Half Year Review

CEO's Message

CEO – Geoff Knox

The Downer Group delivered a solid first half result for financial year 2010 and we are on track to deliver our
five-year Strategic Plan.

We have continued our Zero Harm journey to deliver world class safety and sustainability outcomes, with a lost time injury frequency rate of 1.06 and reductions in our carbon footprint through innovative energy and product efficiency programs across the Group. Whilst our performance to date is indeed world class, we remain focussed on the delivery of our Zero Harm goal.

We have made great progress to empower our people and the themes of empowerment and engagement of our work teams are now accepted as key leadership attributes across the company.

We aim to employ our team members for the long term and provide multiple career path opportunities across the group in order to better attract and retain world-class people who know and live the Downer client value proposition.

We are engaging more closely with our key clients to better align our service offerings to meet their precise needs and this approach has allowed us to develop a record work-in-hand of $16.4 billion.
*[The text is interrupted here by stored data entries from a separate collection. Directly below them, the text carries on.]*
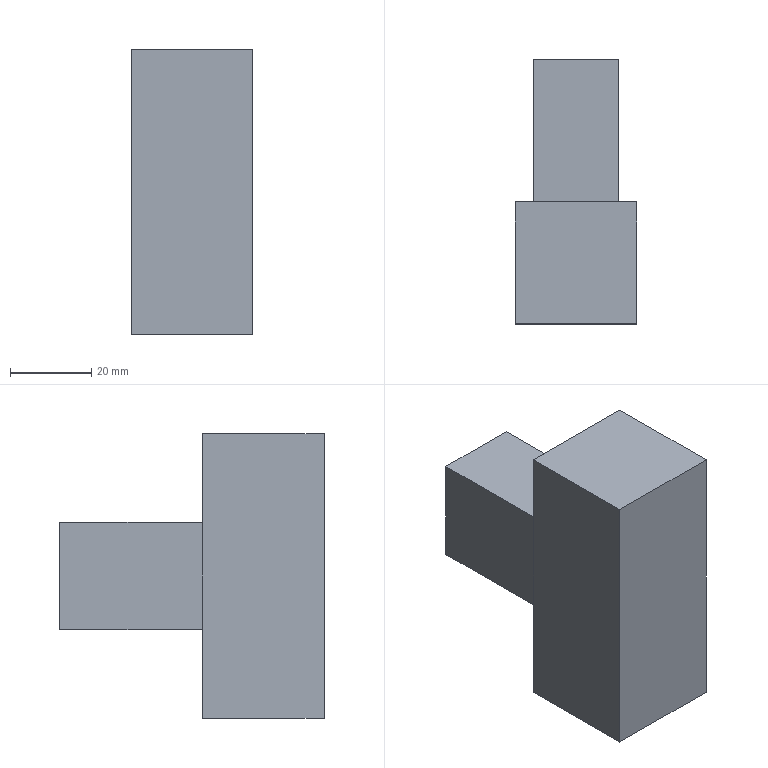Component | SolidWorks | HH54PIntermediateRelay-3 | 1 solid | 11 faces | box 30 x 65 x 70 mm | volume 82478 mm3 | plane 11
STEP:
#1=CARTESIAN_POINT('',(12.461,-0.7598,23.26));
#2=VERTEX_POINT('',#1);
#3=CARTESIAN_POINT('',(12.461,-0.7598,26.016));
#4=VERTEX_POINT('',#3);
#5=CARTESIAN_POINT('',(12.461,-0.7598,23.26));
#6=DIRECTION('',(0.,0.,1.));
#7=VECTOR('',#6,39.37);
#8=LINE('',#5,#7);
#9=EDGE_CURVE('',#2,#4,#8,.T.);
#10=ORIENTED_EDGE('',*,*,#9,.T.);
#11=CARTESIAN_POINT('',(13.643,-0.7598,26.016));
#12=VERTEX_POINT('',#11);
#13=CARTESIAN_POINT('',(12.461,-0.7598,26.016));
#14=DIRECTION('',(1.,0.,0.));
#15=VECTOR('',#14,39.37);
#16=LINE('',#13,#15);
#17=EDGE_CURVE('',#4,#12,#16,.T.);
#18=ORIENTED_EDGE('',*,*,#17,.T.);
#19=CARTESIAN_POINT('',(13.643,-0.7598,23.26));
#20=VERTEX_POINT('',#19);
#21=CARTESIAN_POINT('',(13.643,-0.7598,23.26));
#22=DIRECTION('',(-0.,-0.,-1.));
#23=VECTOR('',#22,39.37);
#24=LINE('',#21,#23);
#25=EDGE_CURVE('',#12,#20,#24,.T.);
#26=ORIENTED_EDGE('',*,*,#25,.T.);
#27=CARTESIAN_POINT('',(12.461,-0.7598,23.26));
#28=DIRECTION('',(-1.,0.,0.));
#29=VECTOR('',#28,39.37);
#30=LINE('',#27,#29);
#31=EDGE_CURVE('',#20,#2,#30,.T.);
#32=ORIENTED_EDGE('',*,*,#31,.T.);
#33=EDGE_LOOP('',(#10,#18,#26,#32));
#34=FACE_OUTER_BOUND('',#33,.T.);
#35=CARTESIAN_POINT('',(12.639,-0.7598,25.16));
#36=VERTEX_POINT('',#35);
#37=CARTESIAN_POINT('',(13.465,-0.7598,25.16));
#38=VERTEX_POINT('',#37);
#39=CARTESIAN_POINT('',(12.639,-0.7598,25.16));
#40=DIRECTION('',(1.,0.,0.));
#41=VECTOR('',#40,39.37);
#42=LINE('',#39,#41);
#43=EDGE_CURVE('',#36,#38,#42,.T.);
#44=ORIENTED_EDGE('',*,*,#43,.F.);
#45=CARTESIAN_POINT('',(12.639,-0.7598,24.116));
#46=VERTEX_POINT('',#45);
#47=CARTESIAN_POINT('',(12.639,-0.7598,24.116));
#48=DIRECTION('',(0.,0.,1.));
#49=VECTOR('',#48,39.37);
#50=LINE('',#47,#49);
#51=EDGE_CURVE('',#46,#36,#50,.T.);
#52=ORIENTED_EDGE('',*,*,#51,.F.);
#53=CARTESIAN_POINT('',(13.465,-0.7598,24.116));
#54=VERTEX_POINT('',#53);
#55=CARTESIAN_POINT('',(12.639,-0.7598,24.116));
#56=DIRECTION('',(-1.,0.,0.));
#57=VECTOR('',#56,39.37);
#58=LINE('',#55,#57);
#59=EDGE_CURVE('',#54,#46,#58,.T.);
#60=ORIENTED_EDGE('',*,*,#59,.F.);
#61=CARTESIAN_POINT('',(13.465,-0.7598,24.116));
#62=DIRECTION('',(-0.,-0.,-1.));
#63=VECTOR('',#62,39.37);
#64=LINE('',#61,#63);
#65=EDGE_CURVE('',#38,#54,#64,.T.);
#66=ORIENTED_EDGE('',*,*,#65,.F.);
#67=EDGE_LOOP('',(#44,#52,#60,#66));
#68=FACE_BOUND('',#67,.T.);
#69=CARTESIAN_POINT('',(13.267,-0.7598,24.309));
#70=DIRECTION('',(0.,1.,-0.));
#71=DIRECTION('',(1.,0.,0.));
#72=AXIS2_PLACEMENT_3D('',#69,#70,#71);
#73=PLANE('',#72);
#74=ADVANCED_FACE('',(#34,#68),#73,.T.);
#75=CARTESIAN_POINT('',(12.461,-1.941,23.26));
#76=VERTEX_POINT('',#75);
#77=CARTESIAN_POINT('',(12.461,-1.941,26.016));
#78=VERTEX_POINT('',#77);
#79=CARTESIAN_POINT('',(12.461,-1.941,23.26));
#80=DIRECTION('',(0.,0.,1.));
#81=VECTOR('',#80,39.37);
#82=LINE('',#79,#81);
#83=EDGE_CURVE('',#76,#78,#82,.T.);
#84=ORIENTED_EDGE('',*,*,#83,.T.);
#85=CARTESIAN_POINT('',(12.461,-0.7598,26.016));
#86=DIRECTION('',(0.,-1.,0.));
#87=VECTOR('',#86,39.37);
#88=LINE('',#85,#87);
#89=EDGE_CURVE('',#4,#78,#88,.T.);
#90=ORIENTED_EDGE('',*,*,#89,.F.);
#91=ORIENTED_EDGE('',*,*,#9,.F.);
#92=CARTESIAN_POINT('',(12.461,-0.7598,23.26));
#93=DIRECTION('',(0.,-1.,0.));
#94=VECTOR('',#93,39.37);
#95=LINE('',#92,#94);
#96=EDGE_CURVE('',#2,#76,#95,.T.);
#97=ORIENTED_EDGE('',*,*,#96,.T.);
#98=EDGE_LOOP('',(#84,#90,#91,#97));
#99=FACE_OUTER_BOUND('',#98,.T.);
#100=CARTESIAN_POINT('',(12.461,-0.7598,23.26));
#101=DIRECTION('',(1.,0.,0.));
#102=DIRECTION('',(0.,-1.,0.));
#103=AXIS2_PLACEMENT_3D('',#100,#101,#102);
#104=PLANE('',#103);
#105=ADVANCED_FACE('',(#99),#104,.F.);
#106=CARTESIAN_POINT('',(13.643,-1.941,26.016));
#107=VERTEX_POINT('',#106);
#108=CARTESIAN_POINT('',(12.461,-1.941,26.016));
#109=DIRECTION('',(1.,0.,0.));
#110=VECTOR('',#109,39.37);
#111=LINE('',#108,#110);
#112=EDGE_CURVE('',#78,#107,#111,.T.);
#113=ORIENTED_EDGE('',*,*,#112,.T.);
#114=CARTESIAN_POINT('',(13.643,-0.7598,26.016));
#115=DIRECTION('',(0.,-1.,0.));
#116=VECTOR('',#115,39.37);
#117=LINE('',#114,#116);
#118=EDGE_CURVE('',#12,#107,#117,.T.);
#119=ORIENTED_EDGE('',*,*,#118,.F.);
#120=ORIENTED_EDGE('',*,*,#17,.F.);
#121=ORIENTED_EDGE('',*,*,#89,.T.);
#122=EDGE_LOOP('',(#113,#119,#120,#121));
#123=FACE_OUTER_BOUND('',#122,.T.);
#124=CARTESIAN_POINT('',(12.461,-0.7598,26.016));
#125=DIRECTION('',(0.,-0.,-1.));
#126=DIRECTION('',(0.,1.,-0.));
#127=AXIS2_PLACEMENT_3D('',#124,#125,#126);
#128=PLANE('',#127);
#129=ADVANCED_FACE('',(#123),#128,.F.);
#130=CARTESIAN_POINT('',(13.643,-1.941,23.26));
#131=VERTEX_POINT('',#130);
#132=CARTESIAN_POINT('',(13.643,-1.941,23.26));
#133=DIRECTION('',(-0.,-0.,-1.));
#134=VECTOR('',#133,39.37);
#135=LINE('',#132,#134);
#136=EDGE_CURVE('',#107,#131,#135,.T.);
#137=ORIENTED_EDGE('',*,*,#136,.T.);
#138=CARTESIAN_POINT('',(13.643,-0.7598,23.26));
#139=DIRECTION('',(0.,-1.,0.));
#140=VECTOR('',#139,39.37);
#141=LINE('',#138,#140);
#142=EDGE_CURVE('',#20,#131,#141,.T.);
#143=ORIENTED_EDGE('',*,*,#142,.F.);
#144=ORIENTED_EDGE('',*,*,#25,.F.);
#145=ORIENTED_EDGE('',*,*,#118,.T.);
#146=EDGE_LOOP('',(#137,#143,#144,#145));
#147=FACE_OUTER_BOUND('',#146,.T.);
#148=CARTESIAN_POINT('',(13.643,-0.7598,23.26));
#149=DIRECTION('',(-1.,0.,0.));
#150=DIRECTION('',(0.,0.,1.));
#151=AXIS2_PLACEMENT_3D('',#148,#149,#150);
#152=PLANE('',#151);
#153=ADVANCED_FACE('',(#147),#152,.F.);
#154=CARTESIAN_POINT('',(12.461,-1.941,23.26));
#155=DIRECTION('',(-1.,0.,0.));
#156=VECTOR('',#155,39.37);
#157=LINE('',#154,#156);
#158=EDGE_CURVE('',#131,#76,#157,.T.);
#159=ORIENTED_EDGE('',*,*,#158,.T.);
#160=ORIENTED_EDGE('',*,*,#96,.F.);
#161=ORIENTED_EDGE('',*,*,#31,.F.);
#162=ORIENTED_EDGE('',*,*,#142,.T.);
#163=EDGE_LOOP('',(#159,#160,#161,#162));
#164=FACE_OUTER_BOUND('',#163,.T.);
#165=CARTESIAN_POINT('',(12.461,-0.7598,23.26));
#166=DIRECTION('',(0.,0.,1.));
#167=DIRECTION('',(0.,-1.,0.));
#168=AXIS2_PLACEMENT_3D('',#165,#166,#167);
#169=PLANE('',#168);
#170=ADVANCED_FACE('',(#164),#169,.F.);
#171=ORIENTED_EDGE('',*,*,#83,.F.);
#172=ORIENTED_EDGE('',*,*,#158,.F.);
#173=ORIENTED_EDGE('',*,*,#136,.F.);
#174=ORIENTED_EDGE('',*,*,#112,.F.);
#175=EDGE_LOOP('',(#171,#172,#173,#174));
#176=FACE_OUTER_BOUND('',#175,.T.);
#177=CARTESIAN_POINT('',(13.267,-1.941,24.309));
#178=DIRECTION('',(0.,1.,-0.));
#179=DIRECTION('',(1.,0.,0.));
#180=AXIS2_PLACEMENT_3D('',#177,#178,#179);
#181=PLANE('',#180);
#182=ADVANCED_FACE('',(#176),#181,.F.);
#183=ORIENTED_EDGE('',*,*,#51,.T.);
#184=CARTESIAN_POINT('',(12.639,0.6182,25.16));
#185=VERTEX_POINT('',#184);
#186=CARTESIAN_POINT('',(12.639,0.6182,25.16));
#187=DIRECTION('',(0.,-1.,0.));
#188=VECTOR('',#187,39.37);
#189=LINE('',#186,#188);
#190=EDGE_CURVE('',#185,#36,#189,.T.);
#191=ORIENTED_EDGE('',*,*,#190,.F.);
#192=CARTESIAN_POINT('',(12.639,0.6182,24.116));
#193=VERTEX_POINT('',#192);
#194=CARTESIAN_POINT('',(12.639,0.6182,24.116));
#195=DIRECTION('',(0.,0.,1.));
#196=VECTOR('',#195,39.37);
#197=LINE('',#194,#196);
#198=EDGE_CURVE('',#193,#185,#197,.T.);
#199=ORIENTED_EDGE('',*,*,#198,.F.);
#200=CARTESIAN_POINT('',(12.639,0.6182,24.116));
#201=DIRECTION('',(0.,-1.,0.));
#202=VECTOR('',#201,39.37);
#203=LINE('',#200,#202);
#204=EDGE_CURVE('',#193,#46,#203,.T.);
#205=ORIENTED_EDGE('',*,*,#204,.T.);
#206=EDGE_LOOP('',(#183,#191,#199,#205));
#207=FACE_OUTER_BOUND('',#206,.T.);
#208=CARTESIAN_POINT('',(12.639,0.6182,24.116));
#209=DIRECTION('',(1.,-0.,-0.));
#210=DIRECTION('',(-0.,-0.,-1.));
#211=AXIS2_PLACEMENT_3D('',#208,#209,#210);
#212=PLANE('',#211);
#213=ADVANCED_FACE('',(#207),#212,.F.);
#214=ORIENTED_EDGE('',*,*,#43,.T.);
#215=CARTESIAN_POINT('',(13.465,0.6182,25.16));
#216=VERTEX_POINT('',#215);
#217=CARTESIAN_POINT('',(13.465,0.6182,25.16));
#218=DIRECTION('',(0.,-1.,0.));
#219=VECTOR('',#218,39.37);
#220=LINE('',#217,#219);
#221=EDGE_CURVE('',#216,#38,#220,.T.);
#222=ORIENTED_EDGE('',*,*,#221,.F.);
#223=CARTESIAN_POINT('',(12.639,0.6182,25.16));
#224=DIRECTION('',(1.,0.,0.));
#225=VECTOR('',#224,39.37);
#226=LINE('',#223,#225);
#227=EDGE_CURVE('',#185,#216,#226,.T.);
#228=ORIENTED_EDGE('',*,*,#227,.F.);
#229=ORIENTED_EDGE('',*,*,#190,.T.);
#230=EDGE_LOOP('',(#214,#222,#228,#229));
#231=FACE_OUTER_BOUND('',#230,.T.);
#232=CARTESIAN_POINT('',(12.639,0.6182,25.16));
#233=DIRECTION('',(0.,-0.,-1.));
#234=DIRECTION('',(-1.,-0.,-0.));
#235=AXIS2_PLACEMENT_3D('',#232,#233,#234);
#236=PLANE('',#235);
#237=ADVANCED_FACE('',(#231),#236,.F.);
#238=ORIENTED_EDGE('',*,*,#65,.T.);
#239=CARTESIAN_POINT('',(13.465,0.6182,24.116));
#240=VERTEX_POINT('',#239);
#241=CARTESIAN_POINT('',(13.465,0.6182,24.116));
#242=DIRECTION('',(0.,-1.,0.));
#243=VECTOR('',#242,39.37);
#244=LINE('',#241,#243);
#245=EDGE_CURVE('',#240,#54,#244,.T.);
#246=ORIENTED_EDGE('',*,*,#245,.F.);
#247=CARTESIAN_POINT('',(13.465,0.6182,24.116));
#248=DIRECTION('',(-0.,-0.,-1.));
#249=VECTOR('',#248,39.37);
#250=LINE('',#247,#249);
#251=EDGE_CURVE('',#216,#240,#250,.T.);
#252=ORIENTED_EDGE('',*,*,#251,.F.);
#253=ORIENTED_EDGE('',*,*,#221,.T.);
#254=EDGE_LOOP('',(#238,#246,#252,#253));
#255=FACE_OUTER_BOUND('',#254,.T.);
#256=CARTESIAN_POINT('',(13.465,0.6182,24.116));
#257=DIRECTION('',(-1.,0.,0.));
#258=DIRECTION('',(0.,0.,1.));
#259=AXIS2_PLACEMENT_3D('',#256,#257,#258);
#260=PLANE('',#259);
#261=ADVANCED_FACE('',(#255),#260,.F.);
#262=ORIENTED_EDGE('',*,*,#59,.T.);
#263=ORIENTED_EDGE('',*,*,#204,.F.);
#264=CARTESIAN_POINT('',(12.639,0.6182,24.116));
#265=DIRECTION('',(-1.,0.,0.));
#266=VECTOR('',#265,39.37);
#267=LINE('',#264,#266);
#268=EDGE_CURVE('',#240,#193,#267,.T.);
#269=ORIENTED_EDGE('',*,*,#268,.F.);
#270=ORIENTED_EDGE('',*,*,#245,.T.);
#271=EDGE_LOOP('',(#262,#263,#269,#270));
#272=FACE_OUTER_BOUND('',#271,.T.);
#273=CARTESIAN_POINT('',(12.639,0.6182,24.116));
#274=DIRECTION('',(0.,0.,1.));
#275=DIRECTION('',(0.,-1.,0.));
#276=AXIS2_PLACEMENT_3D('',#273,#274,#275);
#277=PLANE('',#276);
#278=ADVANCED_FACE('',(#272),#277,.F.);
#279=ORIENTED_EDGE('',*,*,#198,.T.);
#280=ORIENTED_EDGE('',*,*,#227,.T.);
#281=ORIENTED_EDGE('',*,*,#251,.T.);
#282=ORIENTED_EDGE('',*,*,#268,.T.);
#283=EDGE_LOOP('',(#279,#280,#281,#282));
#284=FACE_OUTER_BOUND('',#283,.T.);
#285=CARTESIAN_POINT('',(13.267,0.6182,24.309));
#286=DIRECTION('',(0.,1.,-0.));
#287=DIRECTION('',(1.,0.,0.));
#288=AXIS2_PLACEMENT_3D('',#285,#286,#287);
#289=PLANE('',#288);
#290=ADVANCED_FACE('',(#284),#289,.T.);
#291=CLOSED_SHELL('',(#74,#105,#129,#153,#170,#182,#213,#237,#261,#278,#290));
#292=MANIFOLD_SOLID_BREP('',#291);
#293=CARTESIAN_POINT('',(0.,0.,0.));
#294=DIRECTION('',(0.,0.,1.));
#295=DIRECTION('',(1.,0.,0.));
#296=AXIS2_PLACEMENT_3D('',#293,#294,#295);
#297=(LENGTH_UNIT()NAMED_UNIT(*)SI_UNIT($,.METRE.));
#298=LENGTH_MEASURE_WITH_UNIT(LENGTH_MEASURE(0.0254),#297);
#299=DIMENSIONAL_EXPONENTS(1.,0.,0.,0.,0.,0.,0.);
#300=(CONVERSION_BASED_UNIT('',#298)LENGTH_UNIT()NAMED_UNIT(#299));
#301=UNCERTAINTY_MEASURE_WITH_UNIT(LENGTH_MEASURE(0.00001),#300,'','');
#302=(NAMED_UNIT(*)PLANE_ANGLE_UNIT()SI_UNIT($,.RADIAN.));
#303=(NAMED_UNIT(*)SI_UNIT($,.STERADIAN.)SOLID_ANGLE_UNIT());
#304=(GEOMETRIC_REPRESENTATION_CONTEXT(3)GLOBAL_UNCERTAINTY_ASSIGNED_CONTEXT((#301))GLOBAL_UNIT_ASSIGNED_CONTEXT((#300,#302,#303))REPRESENTATION_CONTEXT('',''));
#305=ADVANCED_BREP_SHAPE_REPRESENTATION('',(#292,#296),#304);
#306=COLOUR_RGB('',0.7922,0.8196,0.9333);
#307=FILL_AREA_STYLE_COLOUR('',#306);
#308=FILL_AREA_STYLE('',(#307));
#309=SURFACE_STYLE_FILL_AREA(#308);
#310=SURFACE_SIDE_STYLE('',(#309));
#311=SURFACE_STYLE_USAGE(.BOTH.,#310);
#312=PRESENTATION_STYLE_ASSIGNMENT((#311));
#313=STYLED_ITEM('',(#312),#292);
#314=PRESENTATION_LAYER_ASSIGNMENT('','',(#313));
#315=(LENGTH_UNIT()NAMED_UNIT(*)SI_UNIT($,.METRE.));
#316=LENGTH_MEASURE_WITH_UNIT(LENGTH_MEASURE(0.0254),#315);
#317=DIMENSIONAL_EXPONENTS(1.,0.,0.,0.,0.,0.,0.);
#318=(CONVERSION_BASED_UNIT('',#316)LENGTH_UNIT()NAMED_UNIT(#317));
#319=UNCERTAINTY_MEASURE_WITH_UNIT(LENGTH_MEASURE(0.00001),#318,'','');
#320=(NAMED_UNIT(*)PLANE_ANGLE_UNIT()SI_UNIT($,.RADIAN.));
#321=(NAMED_UNIT(*)SI_UNIT($,.STERADIAN.)SOLID_ANGLE_UNIT());
#322=(GEOMETRIC_REPRESENTATION_CONTEXT(3)GLOBAL_UNCERTAINTY_ASSIGNED_CONTEXT((#319))GLOBAL_UNIT_ASSIGNED_CONTEXT((#318,#320,#321))REPRESENTATION_CONTEXT('',''));
#323=MECHANICAL_DESIGN_GEOMETRIC_PRESENTATION_REPRESENTATION('',(#313),#322);

This record work-in-hand solidly underpins the forward work and growth volumes for the Group.

Our Synergies Program is developing a leaner, fitter business, capable of delivering sustained growth and performance whilst further supporting a more integrated ‘One Downer’ approach to our markets. The Group is well placed to capitalise on the strengthening market opportunities that are evolving throughout the Asia Pacific region.

We remain focussed on the delivery of our Strategic Plan, which we first outlined in June 2008. The robustness of this plan was proven during the recent global financial downturn and it has also positioned the Group well to take full advantage of the growth opportunities ahead.

Geoff Knox
Managing Director and CEO

Highlights

1 Net debt/net debt+equity.
2 Excludes ROADS.
pcp – previous corresponding period.
LTIFR – Lost Time Injury Frequency Rate.

Review of operations

Downer EDI Works

Works

  • Delivered revenue of $1.0 billion and EBIT of $46.7 million, an increase of 1 per cent.
  • The Works business performed well in tighter markets, benefiting from ongoing government spend.
  • Work-in-hand of $5.3 billion demonstrates solid forward demand for Works’ services.
  • Infrastructure markets remain sound in Australia and Asia, but softer in New Zealand.
Downer EDI Engineering

Engineering

  • Delivered revenue of $869.8 million and EBIT of $57.5 million, a decrease of 11 per cent. The performance reflects the decision not to pursue lower margin work at the bottom of the business cycle and a softening in the New Zealand consulting market.
  • EBIT margin improved to 6.6 per cent, up from 6.3 per cent, reflecting further cost efficiency gains during the period.
  • Engineering secured a number of contracts during the half with major clients, including TransGrid, Woodside Petroleum and BHP Billiton.
  • Work-in-hand of $2.9 billion is complemented by a pipeline of over $15 billion of future opportunities.
Downer EDI Mining

Mining

  • Delivered revenue of $483.5 million and EBIT of $37.0 million, an increase of 73 per cent.
  • The Mining business benefited from an improved operational performance, cost efficiencies and contribution from joint ventures.
  • Work-in-hand of $2.5 billion includes significant wins and renewals during the half with clients including BHP Billiton Iron Ore, Ensham Resources, Solid Energy (NZ) and Fortescue Metals Group.
  • The pipeline of opportunities for Mining continues to exceed $5 billion.
Downer EDI Rail

Rail

  • Delivered revenue of $458.0 million and EBIT of $29.1 million, an increase of 3 per cent.
  • The Rail business strengthened key relationships with major clients including BHP Billiton, Queensland Rail and Pacific National, securing additional orders for locomotives during the half.
  • Work-in-hand of $5.7 billion is further supported by opportunities in the build and maintenance markets for locomotives and passenger trains.
  • The NSW Waratah prototype four-car set is undergoing final static testing, and the first eight-car set is being fitted out, at Rail’s Cardiff facility. Practical Completion of the first train is targeted for late calendar 2010.
  • The recently awarded KDR joint venture is successfully delivering tram services in Melbourne, adding to our Rail Solutions capabilities.